Understandably, vendors of predictive coding software want to show off numbers indicating that their software works well. It is important for users of such software to avoid drawing wrong conclusions from performance numbers.
Consider the two precision-recall curves below (if you need to brush up on the meaning of precision and recall, see my earlier article):
The one on the left is incredibly good, with 97% precision at 90% recall. The one on the right is not nearly as impressive, with 17% precision at 70% recall, though you could still find 70% of the relevant documents with no additional training by reviewing only the highest-rated 4.7% of the document population (excluding the documents reviewed for training and testing).
Why are the two curves so different? They come from the same algorithm applied to the same document population with the same features (words) analyzed and the exact same random sample of documents used for training. The only difference is the categorization task being attempted, i.e. what type of document we consider to be relevant. Both tasks have nearly the same prevalence of relevant documents (0.986% for the left and 1.131% for the right), but the task on the left is very easy and the one on the right is a lot harder. So, when a vendor quotes performance numbers, you need to keep in mind that they are only meaningful for the specific document set and task that they came from. Performance for a different task or document set may be very different. Comparing a vendor’s performance numbers to those from another source computed for a different categorization task on a different document set would be comparing apples to oranges.
Fair comparison of different predictive coding approaches is difficult, and one must be careful not to extrapolate results from any study too far. As an analogy, consider performing experiments to determine whether fertilizer X works better than fertilizer Y. You might plant marigolds in each fertilizer, apply the same amount of water and sunlight, and measure plant growth. In other words, keep everything the same except the fertilizer. That would give a result that applies to marigolds with the specific amount of sunlight and water used. Would the same result occur for carrots? You might take several different types of plants and apply the same experiment to each to see if there is a consistent winner. What if more water was used? Maybe fertilizer X works better for modest watering (it absorbs and retains water better) and fertilizer Y works better for heavy watering. You might want to present results for different amounts of water so people could choose the optimal fertilizer for the amount of rainfall in their locations. Or, you might determine the optimal amount of water for each, and declare the fertilizer that gives the most growth with its optimal amount of water the winner, which is useful only if gardeners/farmers can adjust water delivery. The number of experiments required to cover every possibility grows exponentially with the number of parameters that can be adjusted.
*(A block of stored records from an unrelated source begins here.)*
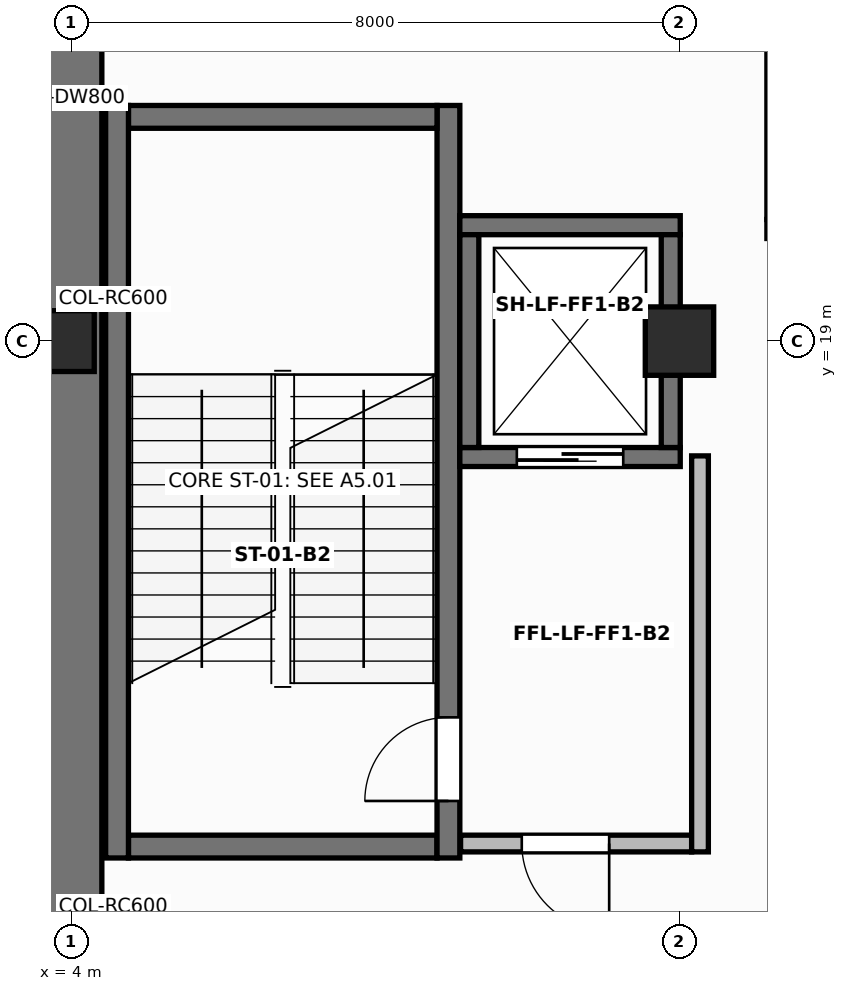
"""IFC4 building model, lengths in metres.
Left out: names, types, materials, properties, quantities, classifications, styles, units other than length and angle.
Written with IfcOpenShell. Run it as: python <this file> out.ifc"""

import sys

from ifc_helpers import new_model, si_unit, direction, frame, frame_2d, origin, origin_2d, place, context, subcontext, project, spatial, rectangle, extrude, element, fill, save


model = new_model("IFC4")
c1 = context("Model", 3, precision=1e-05, world=origin(), true_north=direction((0.0, 1.0)))
c2 = subcontext(c1, "Body", "Model", "MODEL_VIEW")
j1 = project(units=[si_unit("LENGTHUNIT", "METRE"), si_unit("PLANEANGLEUNIT", "RADIAN")], contexts=[c1])
p1 = place(None, origin())
s1 = spatial("IfcSite", under=j1, at=p1, CompositionType="ELEMENT")
p2 = place(p1, origin())
s2 = spatial("IfcBuilding", under=s1, at=p2, CompositionType="ELEMENT")
p3 = place(p2, frame((0.0, 0.0, -11.2)))
s3 = spatial("IfcBuildingStorey", under=s2, at=p3, CompositionType="ELEMENT", Elevation=-11.2)
p4 = place(p3, frame((4.0, 2.6, 0.0), z_axis=(0.0, 0.0, 1.0), x_axis=(0.0, 1.0, 0.0)))
e1 = element("IfcWall", 1, at=p4, inside=s3, PredefinedType="SOLIDWALL", context=c2, shape_type="SweptSolid", body=[
    extrude(rectangle(XDim=114.8, YDim=0.8, at=frame_2d((57.4, 0.0))), origin(), (0.0, 0.0, 1.0), 5.22),
])
p5 = place(p3, frame((4.0, 19.0, 0.0), z_axis=(0.0, 0.0, 1.0), x_axis=(1.0, 0.0, 0.0)))
e2 = element("IfcColumn", 2, at=p5, inside=s3, PredefinedType="PILASTER", context=c2, shape_type="SweptSolid", body=[
    extrude(rectangle(XDim=0.6, YDim=0.8, at=origin_2d()), origin(), (0.0, 0.0, 1.0), 5.6),
])
p6 = place(p3, frame((12.0, 19.0, 0.0), z_axis=(0.0, 0.0, 1.0), x_axis=(1.0, 0.0, 0.0)))
e3 = element("IfcColumn", 3, at=p6, inside=s3, PredefinedType="COLUMN", context=c2, shape_type="SweptSolid", body=[
    extrude(rectangle(XDim=0.9, YDim=0.9, at=origin_2d()), origin(), (0.0, 0.0, 1.0), 5.6),
])
p7 = place(p3, frame((4.75, 12.35, 0.0), z_axis=(0.0, 0.0, 1.0), x_axis=(1.0, 0.0, 0.0)))
e4 = element("IfcWall", 4, at=p7, inside=s3, PredefinedType="SHEAR", context=c2, shape_type="SweptSolid", body=[
    extrude(rectangle(XDim=4.06, YDim=0.3, at=frame_2d((2.03, 0.0))), origin(), (0.0, 0.0, 1.0), 5.235),
])
p8 = place(p3, frame((8.96, 12.2, 0.0), z_axis=(0.0, 0.0, 1.0), x_axis=(0.0, 1.0, 0.0)))
e5 = element("IfcWall", 5, at=p8, inside=s3, PredefinedType="SHEAR", context=c2, shape_type="SweptSolid", body=[
    extrude(rectangle(XDim=9.9, YDim=0.3, at=frame_2d((4.95, 0.0))), origin(), (0.0, 0.0, 1.0), 5.235),
])
p9 = place(p8, frame((0.75, 0.0, 0.0)))
e6 = element("IfcOpeningElement", 6, at=p9, cuts=e5, PredefinedType="OPENING", context=c2, shape_type="SweptSolid", body=[
    extrude(rectangle(XDim=1.1, YDim=2.15, at=frame_2d((0.55, 1.075))), frame((0.0, 0.16, 0.0), z_axis=(0.0, -1.0, 0.0), x_axis=(1.0, 0.0, 0.0)), (0.0, 0.0, 1.0), 0.32),
])
p10 = place(p3, frame((8.81, 21.95, 0.0), z_axis=(0.0, 0.0, 1.0), x_axis=(-1.0, 0.0, 0.0)))
e7 = element("IfcWall", 7, at=p10, inside=s3, PredefinedType="SHEAR", context=c2, shape_type="SweptSolid", body=[
    extrude(rectangle(XDim=4.06, YDim=0.3, at=frame_2d((2.03, 0.0))), origin(), (0.0, 0.0, 1.0), 5.235),
])
p11 = place(p3, frame((4.6, 22.1, 0.0), z_axis=(0.0, 0.0, 1.0), x_axis=(0.0, -1.0, 0.0)))
e8 = element("IfcWall", 8, at=p11, inside=s3, PredefinedType="SHEAR", context=c2, shape_type="SweptSolid", body=[
    extrude(rectangle(XDim=9.9, YDim=0.3, at=frame_2d((4.95, 0.0))), origin(), (0.0, 0.0, 1.0), 5.235),
])
p12 = place(p3, frame((9.11, 17.475, 0.0), z_axis=(0.0, 0.0, 1.0), x_axis=(1.0, 0.0, 0.0)))
e9 = element("IfcWall", 9, at=p12, inside=s3, PredefinedType="SOLIDWALL", context=c2, shape_type="SweptSolid", body=[
    extrude(rectangle(XDim=2.9, YDim=0.25, at=frame_2d((1.45, 0.0))), origin(), (0.0, 0.0, 1.0), 5.235),
])
p13 = place(p12, frame((0.75, 0.0, 0.0)))
e10 = element("IfcOpeningElement", 10, at=p13, cuts=e9, PredefinedType="OPENING", context=c2, shape_type="SweptSolid", body=[
    extrude(rectangle(XDim=1.4, YDim=2.25, at=frame_2d((0.7, 1.125))), frame((0.0, 0.135, 0.0), z_axis=(0.0, -1.0, 0.0), x_axis=(1.0, 0.0, 0.0)), (0.0, 0.0, 1.0), 0.27),
])
p14 = place(p3, frame((12.01, 20.525, 0.0), z_axis=(0.0, 0.0, 1.0), x_axis=(-1.0, 0.0, 0.0)))
e11 = element("IfcWall", 11, at=p14, inside=s3, PredefinedType="SOLIDWALL", context=c2, shape_type="SweptSolid", body=[
    extrude(rectangle(XDim=2.9, YDim=0.25, at=frame_2d((1.45, 0.0))), origin(), (0.0, 0.0, 1.0), 5.235),
])
for number, where, z_axis, x_axis in (
    (12, (11.885, 17.6, 0.0), (0.0, 0.0, 1.0), (0.0, 1.0, 0.0)),
    (13, (9.235, 20.4, 0.0), (0.0, 0.0, 1.0), (0.0, -1.0, 0.0)),
):
    element("IfcWall", number, at=place(p3, frame(where, z_axis=z_axis, x_axis=x_axis)), inside=s3, PredefinedType="SOLIDWALL", context=c2, shape_type="SweptSolid", body=[
        extrude(rectangle(XDim=2.8, YDim=0.25, at=frame_2d((1.4, 0.0))), origin(), (0.0, 0.0, 1.0), 5.235),
    ])
p15 = place(p3, frame((9.12, 12.39, 0.0), z_axis=(0.0, 0.0, 1.0), x_axis=(1.0, 0.0, 0.0)))
e14 = element("IfcWall", 14, at=p15, inside=s3, PredefinedType="SOLIDWALL", context=c2, shape_type="SweptSolid", body=[
    extrude(rectangle(XDim=3.04, YDim=0.22, at=frame_2d((1.52, 0.0))), origin(), (0.0, 0.0, 1.0), 4.435),
])
p16 = place(p15, frame((0.805, 0.0, 0.0)))
e15 = element("IfcOpeningElement", 15, at=p16, cuts=e14, PredefinedType="OPENING", context=c2, shape_type="SweptSolid", body=[
    extrude(rectangle(XDim=1.15, YDim=2.15, at=frame_2d((0.575, 1.075))), frame((0.0, 0.12, 0.0), z_axis=(0.0, -1.0, 0.0), x_axis=(1.0, 0.0, 0.0)), (0.0, 0.0, 1.0), 0.24),
])
p17 = place(p3, frame((12.27, 12.28, 0.0), z_axis=(0.0, 0.0, 1.0), x_axis=(0.0, 1.0, 0.0)))
e16 = element("IfcWall", 16, at=p17, inside=s3, PredefinedType="SOLIDWALL", context=c2, shape_type="SweptSolid", body=[
    extrude(rectangle(XDim=5.21, YDim=0.22, at=frame_2d((2.605, 0.0))), origin(), (0.0, 0.0, 1.0), 4.435),
])
p18 = place(p3, frame((13.15, 20.475, 0.0), z_axis=(0.0, 0.0, 1.0), x_axis=(1.0, 0.0, 0.0)))
e17 = element("IfcWall", 17, at=p18, inside=s3, PredefinedType="SOLIDWALL", context=c2, shape_type="SweptSolid", body=[
    extrude(rectangle(XDim=3.1, YDim=0.25, at=frame_2d((1.55, 0.0))), origin(), (0.0, 0.0, 1.0), 5.235),
])
p19 = place(p18, frame((0.95, 0.0, 0.0)))
e18 = element("IfcOpeningElement", 18, at=p19, cuts=e17, PredefinedType="OPENING", context=c2, shape_type="SweptSolid", body=[
    extrude(rectangle(XDim=1.2, YDim=2.2, at=frame_2d((0.6, 1.1))), frame((0.0, 0.135, 0.0), z_axis=(0.0, -1.0, 0.0), x_axis=(1.0, 0.0, 0.0)), (0.0, 0.0, 1.0), 0.27),
])
p20 = place(p3, frame((13.275, 23.5, 0.0), z_axis=(0.0, 0.0, 1.0), x_axis=(0.0, -1.0, 0.0)))
e19 = element("IfcWall", 19, at=p20, inside=s3, PredefinedType="SOLIDWALL", context=c2, shape_type="SweptSolid", body=[
    extrude(rectangle(XDim=2.9, YDim=0.25, at=frame_2d((1.45, 0.0))), origin(), (0.0, 0.0, 1.0), 5.235),
])
p21 = place(p9, origin())
e20 = element("IfcDoor", 20, at=p21, inside=s3, OperationType="SINGLE_SWING_LEFT", PredefinedType="DOOR", context=c2, shape_type="SweptSolid", body=[
    extrude(rectangle(XDim=1.1, YDim=2.15, at=frame_2d((0.55, 1.075))), frame((0.0, 0.025, 0.0), z_axis=(0.0, -1.0, 0.0), x_axis=(1.0, 0.0, 0.0)), (0.0, 0.0, 1.0), 0.05),
])
fill(e6, e20)
p22 = place(p13, frame((1.4, 0.0, 0.0), z_axis=(0.0, 0.0, 1.0), x_axis=(-1.0, 0.0, 0.0)))
e21 = element("IfcDoor", 21, at=p22, inside=s3, OperationType="DOUBLE_DOOR_SLIDING", PredefinedType="DOOR", context=c2, shape_type="SweptSolid", body=[
    extrude(rectangle(XDim=1.4, YDim=2.25, at=frame_2d((0.7, 1.125))), frame((0.0, 0.025, 0.0), z_axis=(0.0, -1.0, 0.0), x_axis=(1.0, 0.0, 0.0)), (0.0, 0.0, 1.0), 0.05),
])
fill(e10, e21)
p23 = place(p16, frame((1.15, 0.0, 0.0), z_axis=(0.0, 0.0, 1.0), x_axis=(-1.0, 0.0, 0.0)))
e22 = element("IfcDoor", 22, at=p23, inside=s3, OperationType="SINGLE_SWING_RIGHT", PredefinedType="DOOR", context=c2, shape_type="SweptSolid", body=[
    extrude(rectangle(XDim=1.15, YDim=2.15, at=frame_2d((0.575, 1.075))), frame((0.0, 0.025, 0.0), z_axis=(0.0, -1.0, 0.0), x_axis=(1.0, 0.0, 0.0)), (0.0, 0.0, 1.0), 0.05),
])
fill(e15, e22)
save(model, sys.argv[1])

Predictive coding is more complicated because there are more interdependent parts that can be varied. Comparing classification algorithms on one document set may give a result that doesn’t apply to others, so you might test on several document sets (some with long documents, some with short, some with high prevalence, some with low, etc.), much like testing fertilizer on several types of plants, but that still doesn’t guarantee that a consistent winner will perform best on some untested set of documents. Does a different algorithm win if the amount of training data is higher/lower, similar to a different fertilizer winning if the amount of water is changed? What if the nature of the training data (e.g., random sample vs. active learning) is changed? The training approach can impact different classification algorithms differently (e.g., an active learning algorithm can be optimized for a specific classification algorithm), making the results from a study on one classification algorithm inapplicable to a different algorithm. When comparing two classification algorithms where one is known to perform poorly for high-dimensional data, should you use feature selection techniques to reduce the dimensionality of the data for that algorithm under the theory that that is how it would be used in practice, but knowing that any poor performance may come from removing an important feature rather than from a failure of the classification algorithm itself?
What you definitely should not do is plant a cactus in fertilizer X and a sunflower in fertilizer Y and compare the growth rates to draw a conclusion about which fertilizer is better. Likewise, you should not compare predictive coding performance numbers that came from different document sets or categorization tasks.